OK, I'll tackle this one.

The '65 Carter is from what I understand 500CFM's. I do believe it may have a smaller base/bolt pattern than the 1406. But, the 1406 should have 2 base/bolt patterns - small and larger width.

In my hand is a 1407 - the 750 CFM version. The primary throttle bore is 1 5/8", but Edelbrock says 1 11/16". The secondary bore does measure 1 11/16" as stated by Edelbrock.

The 1406 is a 600 CFM and Edelbrock shows the primary bores as 1 7/16" and your secondary bore size is 1 11/16" like the 1407 750CFM carb.

Looking at the front of the carb, the spacing between the inner bolt holes is approx. 4 1/4" center of the hole-to-center of the hole. Outer bolt holes are approx. 5 1/8".

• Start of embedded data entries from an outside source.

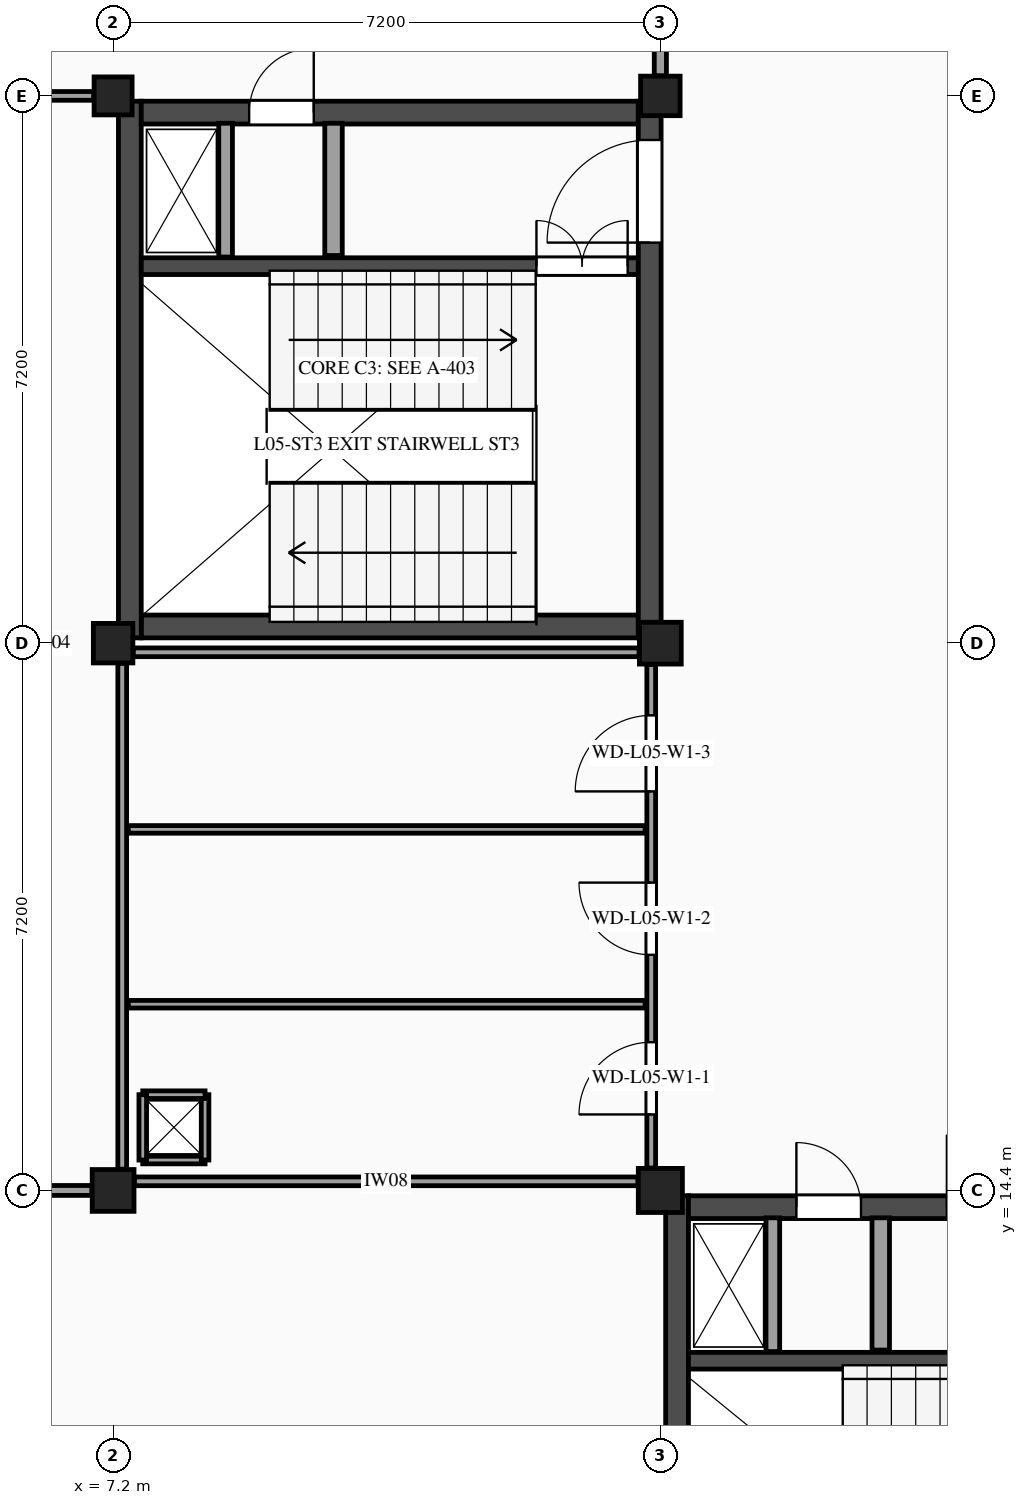
"""IFC4 building model, lengths in metres.
Left out: names, types, materials, properties, quantities, classifications, styles, units other than length and angle.
Written with IfcOpenShell. Run it as: python <this file> out.ifc"""

import sys

from ifc_helpers import new_model, si_unit, direction, frame, frame_2d, origin, origin_2d, place, context, subcontext, project, spatial, rectangle, extrude, element, fill, save


model = new_model("IFC4")
c1 = context("Model", 3, precision=1e-05, world=origin(), true_north=direction((0.0, 1.0)))
c2 = subcontext(c1, "Body", "Model", "MODEL_VIEW")
j1 = project(units=[si_unit("LENGTHUNIT", "METRE"), si_unit("PLANEANGLEUNIT", "RADIAN")], contexts=[c1])
p1 = place(None, origin())
s1 = spatial("IfcSite", under=j1, at=p1, CompositionType="ELEMENT")
p2 = place(p1, origin())
s2 = spatial("IfcBuilding", under=s1, at=p2, CompositionType="ELEMENT")
p3 = place(p2, frame((0.0, 0.0, 22.8)))
s3 = spatial("IfcBuildingStorey", under=s2, at=p3, CompositionType="ELEMENT", Elevation=22.8)
p4 = place(p3, frame((7.2, 14.4, 0.0), z_axis=(0.0, 0.0, 1.0), x_axis=(1.0, 0.0, 0.0)))
e1 = element("IfcColumn", 1, at=p4, inside=s3, PredefinedType="COLUMN", context=c2, shape_type="SweptSolid", body=[
    extrude(rectangle(XDim=0.55, YDim=0.55, at=origin_2d()), origin(), (0.0, 0.0, 1.0), 3.9),
])
p5 = place(p3, frame((7.2, 21.6, 0.0), z_axis=(0.0, 0.0, 1.0), x_axis=(1.0, 0.0, 0.0)))
e2 = element("IfcColumn", 2, at=p5, inside=s3, PredefinedType="COLUMN", context=c2, shape_type="SweptSolid", body=[
    extrude(rectangle(XDim=0.52, YDim=0.52, at=origin_2d()), origin(), (0.0, 0.0, 1.0), 3.9),
])
p6 = place(p3, frame((7.2, 28.8, 0.0), z_axis=(0.0, 0.0, 1.0), x_axis=(1.0, 0.0, 0.0)))
e3 = element("IfcColumn", 3, at=p6, inside=s3, PredefinedType="COLUMN", context=c2, shape_type="SweptSolid", body=[
    extrude(rectangle(XDim=0.5, YDim=0.5, at=origin_2d()), origin(), (0.0, 0.0, 1.0), 3.9),
])
p7 = place(p3, frame((14.4, 14.4, 0.0), z_axis=(0.0, 0.0, 1.0), x_axis=(1.0, 0.0, 0.0)))
e4 = element("IfcColumn", 4, at=p7, inside=s3, PredefinedType="COLUMN", context=c2, shape_type="SweptSolid", body=[
    extrude(rectangle(XDim=0.58, YDim=0.58, at=origin_2d()), origin(), (0.0, 0.0, 1.0), 3.9),
])
p8 = place(p3, frame((14.4, 21.6, 0.0), z_axis=(0.0, 0.0, 1.0), x_axis=(1.0, 0.0, 0.0)))
e5 = element("IfcColumn", 5, at=p8, inside=s3, PredefinedType="COLUMN", context=c2, shape_type="SweptSolid", body=[
    extrude(rectangle(XDim=0.55, YDim=0.55, at=origin_2d()), origin(), (0.0, 0.0, 1.0), 3.9),
])
p9 = place(p3, frame((14.4, 28.8, 0.0), z_axis=(0.0, 0.0, 1.0), x_axis=(1.0, 0.0, 0.0)))
e6 = element("IfcColumn", 6, at=p9, inside=s3, PredefinedType="COLUMN", context=c2, shape_type="SweptSolid", body=[
    extrude(rectangle(XDim=0.52, YDim=0.52, at=origin_2d()), origin(), (0.0, 0.0, 1.0), 3.9),
])
p10 = place(p3, frame((14.62, 14.33, 0.0), z_axis=(0.0, 0.0, 1.0), x_axis=(0.0, -1.0, 0.0)))
e7 = element("IfcWall", 7, at=p10, inside=s3, PredefinedType="SHEAR", context=c2, shape_type="SweptSolid", body=[
    extrude(rectangle(XDim=7.06, YDim=0.3, at=frame_2d((3.53, 0.0))), origin(), (0.0, 0.0, 1.0), 3.67),
])
p11 = place(p3, frame((14.77, 14.18, 0.0), z_axis=(0.0, 0.0, 1.0), x_axis=(1.0, 0.0, 0.0)))
e8 = element("IfcWall", 8, at=p11, inside=s3, PredefinedType="SHEAR", context=c2, shape_type="SweptSolid", body=[
    extrude(rectangle(XDim=6.68, YDim=0.3, at=frame_2d((3.34, 0.0))), origin(), (0.0, 0.0, 1.0), 3.67),
])
p12 = place(p11, frame((1.42, 0.0, 0.0)))
e9 = element("IfcOpeningElement", 9, at=p12, cuts=e8, PredefinedType="OPENING", context=c2, shape_type="SweptSolid", body=[
    extrude(rectangle(XDim=0.85, YDim=2.1, at=frame_2d((0.425, 1.05))), frame((0.0, 0.16, 0.0), z_axis=(0.0, -1.0, 0.0), x_axis=(1.0, 0.0, 0.0)), (0.0, 0.0, 1.0), 0.32),
])
p13 = place(p11, frame((3.4, 0.0, 0.0)))
e10 = element("IfcOpeningElement", 10, at=p13, cuts=e8, PredefinedType="OPENING", context=c2, shape_type="SweptSolid", body=[
    extrude(rectangle(XDim=0.95, YDim=2.15, at=frame_2d((0.475, 1.075))), frame((0.0, 0.16, 0.0), z_axis=(0.0, -1.0, 0.0), x_axis=(1.0, 0.0, 0.0)), (0.0, 0.0, 1.0), 0.32),
])
p14 = place(p3, frame((14.77, 12.16, 0.0), z_axis=(0.0, 0.0, 1.0), x_axis=(1.0, 0.0, 0.0)))
e11 = element("IfcWall", 11, at=p14, inside=s3, PredefinedType="SHEAR", context=c2, shape_type="SweptSolid", body=[
    extrude(rectangle(XDim=6.68, YDim=0.22, at=frame_2d((3.34, 0.0))), origin(), (0.0, 0.0, 1.0), 3.67),
])
p15 = place(p3, frame((17.3, 12.3, 0.0), z_axis=(0.0, 0.0, 1.0), x_axis=(0.0, 1.0, 0.0)))
e12 = element("IfcWall", 12, at=p15, inside=s3, PredefinedType="PARTITIONING", context=c2, shape_type="SweptSolid", body=[
    extrude(rectangle(XDim=1.74, YDim=0.23, at=frame_2d((0.87, 0.0))), origin(), (0.0, 0.0, 1.0), 3.67),
])
p16 = place(p3, frame((15.88, 12.28, 0.0), z_axis=(0.0, 0.0, 1.0), x_axis=(0.0, 1.0, 0.0)))
e13 = element("IfcWall", 13, at=p16, inside=s3, PredefinedType="PARTITIONING", context=c2, shape_type="SweptSolid", body=[
    extrude(rectangle(XDim=1.76, YDim=0.18, at=frame_2d((0.88, 0.0))), origin(), (0.0, 0.0, 1.0), 3.67),
])
p17 = place(p3, frame((7.57, 21.82, 0.0), z_axis=(0.0, 0.0, 1.0), x_axis=(1.0, 0.0, 0.0)))
e14 = element("IfcWall", 14, at=p17, inside=s3, PredefinedType="SHEAR", context=c2, shape_type="SweptSolid", body=[
    extrude(rectangle(XDim=6.54, YDim=0.3, at=frame_2d((3.27, 0.0))), origin(), (0.0, 0.0, 1.0), 3.67),
])
p18 = place(p3, frame((7.42, 28.73, 0.0), z_axis=(0.0, 0.0, 1.0), x_axis=(0.0, -1.0, 0.0)))
e15 = element("IfcWall", 15, at=p18, inside=s3, PredefinedType="SHEAR", context=c2, shape_type="SweptSolid", body=[
    extrude(rectangle(XDim=7.06, YDim=0.3, at=frame_2d((3.53, 0.0))), origin(), (0.0, 0.0, 1.0), 3.67),
])
p19 = place(p3, frame((7.57, 28.58, 0.0), z_axis=(0.0, 0.0, 1.0), x_axis=(1.0, 0.0, 0.0)))
e16 = element("IfcWall", 16, at=p19, inside=s3, PredefinedType="SHEAR", context=c2, shape_type="SweptSolid", body=[
    extrude(rectangle(XDim=6.54, YDim=0.3, at=frame_2d((3.27, 0.0))), origin(), (0.0, 0.0, 1.0), 3.67),
])
p20 = place(p19, frame((1.42, 0.0, 0.0)))
e17 = element("IfcOpeningElement", 17, at=p20, cuts=e16, PredefinedType="OPENING", context=c2, shape_type="SweptSolid", body=[
    extrude(rectangle(XDim=0.85, YDim=2.1, at=frame_2d((0.425, 1.05))), frame((0.0, 0.16, 0.0), z_axis=(0.0, -1.0, 0.0), x_axis=(1.0, 0.0, 0.0)), (0.0, 0.0, 1.0), 0.32),
])
p21 = place(p3, frame((7.57, 26.56, 0.0), z_axis=(0.0, 0.0, 1.0), x_axis=(1.0, 0.0, 0.0)))
e18 = element("IfcWall", 18, at=p21, inside=s3, PredefinedType="SHEAR", context=c2, shape_type="SweptSolid", body=[
    extrude(rectangle(XDim=6.54, YDim=0.22, at=frame_2d((3.27, 0.0))), origin(), (0.0, 0.0, 1.0), 3.67),
])
p22 = place(p21, frame((5.2, 0.0, 0.0)))
e19 = element("IfcOpeningElement", 19, at=p22, cuts=e18, PredefinedType="OPENING", context=c2, shape_type="SweptSolid", body=[
    extrude(rectangle(XDim=1.2, YDim=2.2, at=frame_2d((0.6, 1.1))), frame((0.0, 0.12, 0.0), z_axis=(0.0, -1.0, 0.0), x_axis=(1.0, 0.0, 0.0)), (0.0, 0.0, 1.0), 0.24),
])
p23 = place(p3, frame((10.1, 26.7, 0.0), z_axis=(0.0, 0.0, 1.0), x_axis=(0.0, 1.0, 0.0)))
e20 = element("IfcWall", 20, at=p23, inside=s3, PredefinedType="PARTITIONING", context=c2, shape_type="SweptSolid", body=[
    extrude(rectangle(XDim=1.74, YDim=0.23, at=frame_2d((0.87, 0.0))), origin(), (0.0, 0.0, 1.0), 3.67),
])
p24 = place(p3, frame((8.68, 26.68, 0.0), z_axis=(0.0, 0.0, 1.0), x_axis=(0.0, 1.0, 0.0)))
e21 = element("IfcWall", 21, at=p24, inside=s3, PredefinedType="PARTITIONING", context=c2, shape_type="SweptSolid", body=[
    extrude(rectangle(XDim=1.76, YDim=0.18, at=frame_2d((0.88, 0.0))), origin(), (0.0, 0.0, 1.0), 3.67),
])
p25 = place(p3, frame((14.26, 21.67, 0.0), z_axis=(0.0, 0.0, 1.0), x_axis=(0.0, 1.0, 0.0)))
e22 = element("IfcWall", 22, at=p25, inside=s3, PredefinedType="SHEAR", context=c2, shape_type="SweptSolid", body=[
    extrude(rectangle(XDim=7.06, YDim=0.3, at=frame_2d((3.53, 0.0))), origin(), (0.0, 0.0, 1.0), 3.67),
])
p26 = place(p25, frame((5.2, 0.0, 0.0)))
e23 = element("IfcOpeningElement", 23, at=p26, cuts=e22, PredefinedType="OPENING", context=c2, shape_type="SweptSolid", body=[
    extrude(rectangle(XDim=1.35, YDim=2.15, at=frame_2d((0.675, 1.075))), frame((0.0, 0.16, 0.0), z_axis=(0.0, -1.0, 0.0), x_axis=(1.0, 0.0, 0.0)), (0.0, 0.0, 1.0), 0.32),
])
p27 = place(p3, frame((7.48, 14.52, 0.0), z_axis=(0.0, 0.0, 1.0), x_axis=(1.0, 0.0, 0.0)))
e24 = element("IfcWall", 24, at=p27, inside=s3, PredefinedType="PARTITIONING", context=c2, shape_type="SweptSolid", body=[
    extrude(rectangle(XDim=6.625, YDim=0.115, at=frame_2d((3.312, 0.0))), origin(), (0.0, 0.0, 1.0), 3.01),
])
p28 = place(p3, frame((7.465, 21.48, 0.0), z_axis=(0.0, 0.0, 1.0), x_axis=(1.0, 0.0, 0.0)))
e25 = element("IfcWall", 25, at=p28, inside=s3, PredefinedType="PARTITIONING", context=c2, shape_type="SweptSolid", body=[
    extrude(rectangle(XDim=6.655, YDim=0.115, at=frame_2d((3.328, 0.0))), origin(), (0.0, 0.0, 1.0), 3.01),
])
p29 = place(p3, frame((7.32, 14.68, 0.0), z_axis=(0.0, 0.0, 1.0), x_axis=(0.0, 1.0, 0.0)))
e26 = element("IfcWall", 26, at=p29, inside=s3, PredefinedType="PARTITIONING", context=c2, shape_type="SweptSolid", body=[
    extrude(rectangle(XDim=6.655, YDim=0.115, at=frame_2d((3.328, 0.0))), origin(), (0.0, 0.0, 1.0), 3.035),
])
p30 = place(p3, frame((14.28, 14.695, 0.0), z_axis=(0.0, 0.0, 1.0), x_axis=(0.0, 1.0, 0.0)))
e27 = element("IfcWall", 27, at=p30, inside=s3, PredefinedType="PARTITIONING", context=c2, shape_type="SweptSolid", body=[
    extrude(rectangle(XDim=6.625, YDim=0.115, at=frame_2d((3.312, 0.0))), origin(), (0.0, 0.0, 1.0), 3.035),
])
p31 = place(p30, frame((0.705, 0.0, 0.0)))
e28 = element("IfcOpeningElement", 28, at=p31, cuts=e27, PredefinedType="OPENING", context=c2, shape_type="SweptSolid", body=[
    extrude(rectangle(XDim=0.95, YDim=2.1, at=frame_2d((0.475, 1.05))), frame((0.0, 0.067, 0.0), z_axis=(0.0, -1.0, 0.0), x_axis=(1.0, 0.0, 0.0)), (0.0, 0.0, 1.0), 0.135),
])
p32 = place(p30, frame((2.805, 0.0, 0.0)))
e29 = element("IfcOpeningElement", 29, at=p32, cuts=e27, PredefinedType="OPENING", context=c2, shape_type="SweptSolid", body=[
    extrude(rectangle(XDim=0.95, YDim=2.1, at=frame_2d((0.475, 1.05))), frame((0.0, 0.067, 0.0), z_axis=(0.0, -1.0, 0.0), x_axis=(1.0, 0.0, 0.0)), (0.0, 0.0, 1.0), 0.135),
])
p33 = place(p30, frame((4.955, 0.0, 0.0)))
e30 = element("IfcOpeningElement", 30, at=p33, cuts=e27, PredefinedType="OPENING", context=c2, shape_type="SweptSolid", body=[
    extrude(rectangle(XDim=1.0, YDim=2.15, at=frame_2d((0.5, 1.075))), frame((0.0, 0.067, 0.0), z_axis=(0.0, -1.0, 0.0), x_axis=(1.0, 0.0, 0.0)), (0.0, 0.0, 1.0), 0.135),
])
for number, where, z_axis, x_axis in (
    (31, (7.4, 16.85, 0.0), (0.0, 0.0, 1.0), (1.0, 0.0, 0.0)),
    (32, (7.4, 19.15, 0.0), (0.0, 0.0, 1.0), (1.0, 0.0, 0.0)),
):
    element("IfcWall", number, at=place(p3, frame(where, z_axis=z_axis, x_axis=x_axis)), inside=s3, PredefinedType="PARTITIONING", context=c2, shape_type="SweptSolid", body=[
        extrude(rectangle(XDim=6.8, YDim=0.1, at=frame_2d((3.4, 0.0))), origin(), (0.0, 0.0, 1.0), 3.67),
    ])
p34 = place(p3, frame((7.59, 14.8, 0.0), z_axis=(0.0, 0.0, 1.0), x_axis=(1.0, 0.0, 0.0)))
e33 = element("IfcWall", 33, at=p34, inside=s3, PredefinedType="PARTITIONING", context=c2, shape_type="SweptSolid", body=[
    extrude(rectangle(XDim=0.82, YDim=0.1, at=frame_2d((0.41, 0.0))), origin(), (0.0, 0.0, 1.0), 3.67),
])
p35 = place(p3, frame((8.41, 14.8, 0.0), z_axis=(0.0, 0.0, 1.0), x_axis=(0.0, 1.0, 0.0)))
e34 = element("IfcWall", 34, at=p35, inside=s3, PredefinedType="PARTITIONING", context=c2, shape_type="SweptSolid", body=[
    extrude(rectangle(XDim=0.86, YDim=0.1, at=frame_2d((0.43, 0.0))), origin(), (0.0, 0.0, 1.0), 3.67),
])
p36 = place(p3, frame((8.41, 15.66, 0.0), z_axis=(0.0, 0.0, 1.0), x_axis=(-1.0, 0.0, 0.0)))
e35 = element("IfcWall", 35, at=p36, inside=s3, PredefinedType="PARTITIONING", context=c2, shape_type="SweptSolid", body=[
    extrude(rectangle(XDim=0.82, YDim=0.1, at=frame_2d((0.41, 0.0))), origin(), (0.0, 0.0, 1.0), 3.67),
])
p37 = place(p3, frame((7.59, 15.66, 0.0), z_axis=(0.0, 0.0, 1.0), x_axis=(0.0, -1.0, 0.0)))
e36 = element("IfcWall", 36, at=p37, inside=s3, PredefinedType="PARTITIONING", context=c2, shape_type="SweptSolid", body=[
    extrude(rectangle(XDim=0.86, YDim=0.1, at=frame_2d((0.43, 0.0))), origin(), (0.0, 0.0, 1.0), 3.67),
])
p38 = place(p3, frame((0.265, 14.4, 0.0), z_axis=(0.0, 0.0, 1.0), x_axis=(1.0, 0.0, 0.0)))
e37 = element("IfcWall", 37, at=p38, inside=s3, PredefinedType="PARTITIONING", context=c2, shape_type="SweptSolid", body=[
    extrude(rectangle(XDim=6.655, YDim=0.13, at=frame_2d((3.328, 0.0))), origin(), (0.0, 0.0, 1.0), 2.97),
])
p39 = place(p38, frame((2.853, 0.0, 0.0)))
e38 = element("IfcOpeningElement", 38, at=p39, cuts=e37, PredefinedType="OPENING", context=c2, shape_type="SweptSolid", body=[
    extrude(rectangle(XDim=0.95, YDim=2.15, at=frame_2d((0.475, 1.075))), frame((0.0, 0.075, 0.0), z_axis=(0.0, -1.0, 0.0), x_axis=(1.0, 0.0, 0.0)), (0.0, 0.0, 1.0), 0.15),
])
p40 = place(p3, frame((0.295, 28.8, 0.0), z_axis=(0.0, 0.0, 1.0), x_axis=(1.0, 0.0, 0.0)))
e39 = element("IfcWall", 39, at=p40, inside=s3, PredefinedType="PARTITIONING", context=c2, shape_type="SweptSolid", body=[
    extrude(rectangle(XDim=6.65, YDim=0.115, at=frame_2d((3.325, 0.0))), origin(), (0.0, 0.0, 1.0), 2.97),
])
p41 = place(p40, frame((2.365, 0.0, 0.0)))
e40 = element("IfcOpeningElement", 40, at=p41, cuts=e39, PredefinedType="OPENING", context=c2, shape_type="SweptSolid", body=[
    extrude(rectangle(XDim=1.92, YDim=2.35, at=frame_2d((0.96, 1.175))), frame((0.0, 0.067, 0.0), z_axis=(0.0, -1.0, 0.0), x_axis=(1.0, 0.0, 0.0)), (0.0, 0.0, 1.0), 0.135),
])
p42 = place(p3, frame((14.4, 29.065, 0.0), z_axis=(0.0, 0.0, 1.0), x_axis=(0.0, 1.0, 0.0)))
e41 = element("IfcWall", 41, at=p42, inside=s3, PredefinedType="PARTITIONING", context=c2, shape_type="SweptSolid", body=[
    extrude(rectangle(XDim=6.68, YDim=0.16, at=frame_2d((3.34, 0.0))), origin(), (0.0, 0.0, 1.0), 2.985),
])
p43 = place(p12, origin())
e42 = element("IfcDoor", 42, at=p43, inside=s3, OperationType="SINGLE_SWING_LEFT", PredefinedType="DOOR", context=c2, shape_type="SweptSolid", body=[
    extrude(rectangle(XDim=0.85, YDim=2.1, at=frame_2d((0.425, 1.05))), frame((0.0, 0.025, 0.0), z_axis=(0.0, -1.0, 0.0), x_axis=(1.0, 0.0, 0.0)), (0.0, 0.0, 1.0), 0.05),
])
fill(e9, e42)
p44 = place(p13, origin())
e43 = element("IfcDoor", 43, at=p44, inside=s3, OperationType="SINGLE_SWING_LEFT", PredefinedType="DOOR", context=c2, shape_type="SweptSolid", body=[
    extrude(rectangle(XDim=0.95, YDim=2.15, at=frame_2d((0.475, 1.075))), frame((0.0, 0.025, 0.0), z_axis=(0.0, -1.0, 0.0), x_axis=(1.0, 0.0, 0.0)), (0.0, 0.0, 1.0), 0.05),
])
fill(e10, e43)
p45 = place(p20, origin())
e44 = element("IfcDoor", 44, at=p45, inside=s3, OperationType="SINGLE_SWING_RIGHT", PredefinedType="DOOR", context=c2, shape_type="SweptSolid", body=[
    extrude(rectangle(XDim=0.85, YDim=2.1, at=frame_2d((0.425, 1.05))), frame((0.0, 0.025, 0.0), z_axis=(0.0, -1.0, 0.0), x_axis=(1.0, 0.0, 0.0)), (0.0, 0.0, 1.0), 0.05),
])
fill(e17, e44)
p46 = place(p22, origin())
e45 = element("IfcDoor", 45, at=p46, inside=s3, OperationType="DOUBLE_DOOR_SINGLE_SWING", PredefinedType="DOOR", context=c2, shape_type="SweptSolid", body=[
    extrude(rectangle(XDim=1.2, YDim=2.2, at=frame_2d((0.6, 1.1))), frame((0.0, 0.025, 0.0), z_axis=(0.0, -1.0, 0.0), x_axis=(1.0, 0.0, 0.0)), (0.0, 0.0, 1.0), 0.05),
])
fill(e19, e45)
p47 = place(p26, origin())
e46 = element("IfcDoor", 46, at=p47, inside=s3, OperationType="SINGLE_SWING_LEFT", PredefinedType="DOOR", context=c2, shape_type="SweptSolid", body=[
    extrude(rectangle(XDim=1.35, YDim=2.15, at=frame_2d((0.675, 1.075))), frame((0.0, 0.025, 0.0), z_axis=(0.0, -1.0, 0.0), x_axis=(1.0, 0.0, 0.0)), (0.0, 0.0, 1.0), 0.05),
])
fill(e23, e46)
p48 = place(p31, origin())
e47 = element("IfcDoor", 47, at=p48, inside=s3, OperationType="SINGLE_SWING_LEFT", PredefinedType="DOOR", context=c2, shape_type="SweptSolid", body=[
    extrude(rectangle(XDim=0.95, YDim=2.1, at=frame_2d((0.475, 1.05))), frame((0.0, 0.025, 0.0), z_axis=(0.0, -1.0, 0.0), x_axis=(1.0, 0.0, 0.0)), (0.0, 0.0, 1.0), 0.05),
])
fill(e28, e47)
p49 = place(p32, origin())
e48 = element("IfcDoor", 48, at=p49, inside=s3, OperationType="SINGLE_SWING_RIGHT", PredefinedType="DOOR", context=c2, shape_type="SweptSolid", body=[
    extrude(rectangle(XDim=0.95, YDim=2.1, at=frame_2d((0.475, 1.05))), frame((0.0, 0.025, 0.0), z_axis=(0.0, -1.0, 0.0), x_axis=(1.0, 0.0, 0.0)), (0.0, 0.0, 1.0), 0.05),
])
fill(e29, e48)
p50 = place(p33, origin())
e49 = element("IfcDoor", 49, at=p50, inside=s3, OperationType="SINGLE_SWING_LEFT", PredefinedType="DOOR", context=c2, shape_type="SweptSolid", body=[
    extrude(rectangle(XDim=1.0, YDim=2.15, at=frame_2d((0.5, 1.075))), frame((0.0, 0.025, 0.0), z_axis=(0.0, -1.0, 0.0), x_axis=(1.0, 0.0, 0.0)), (0.0, 0.0, 1.0), 0.05),
])
fill(e30, e49)
save(model, sys.argv[1])

Looking at the side, linkage side, the spacing between the bolt holes center-to-center on either the inner or outer bolt holes is approx. 5 5/8".

Looking at the photo of the base, you will need an open in the center flat plate, ie adapter, or a flat manifold surface of 4 1/2" x 4 1/2" square that will seal up against the bottom of the carb base so no vacuum leaks will be created.

Personally, I just spent a little time sorting through the Edelbrock carb choices for my own car's intake/carb set-up. I feel the AVS2 carb is a better choice. The "standard" AFB uses a weighted secondary air flap that is a "one size fits all." I have used the AFB's in the past in a dual quad application without problem. But, if you wanted to cause the secondary air flap to open quicker, you had to grind material off the weights a little at a time and test, and then hope you did not remove too much. Conversely, if you wanted to delay the opening, you had to find a means to add weight to slow the opening of the flap. You also had to remove the top and rear venturi to do this. I never did it, but know how to do it.

However, the AVS2 has a spring loaded secondary air flap just like the Q-jet and is adjusted in the same manner. This means you can better tailor the secondary opening rate to your engine needs by adding or subtracting the spring tension on the secondary air flap.

The other important feature of the AVS2 is the use of an "annular ring" in the primary venturis that atomizes the fuel much better and provides better performance.

They offer the AVS2 in a 650CFM and would be what I would go with on your engine.

The down side of the Edelbrock AFB is that the fuel inlet is on the wrong side for a Pontiac. The carb has the inlet on the passenger side. But Edelbrock has a steel line with a banjo fitting that may work out.


----------



## wishihaditback (Jun 9, 2011)

Wow! Alot of great info there Jim. I'll look into the AVS2, but it kinda sounds tricky and complicated on the secondaries and I was hoping for a plug and play carb. Thanks again for your input.


----------



## PontiacJim (Dec 29, 2012)

wishihaditback said:


> Wow! Alot of great info there Jim. I'll look into the AVS2, but it kinda sounds tricky and complicated on the secondaries and I was hoping for a plug and play carb. Thanks again for your input.


Nothing is "plug & play." That only happens on TV shows where they can do a ground up restoration in 17 days and just by chance have some guy driving past the shop who sees the finished car roll out the garage door and its "just what he was looking for" and pays the asking price - with cash, no doubt.

If you have to use a spacer/adapter, use a 4-hole piece and not an open hole adapter. The 4-hole will provide the needed velocity of the air through the carb and utilize the design of the factory 180 type intake manifold.


----------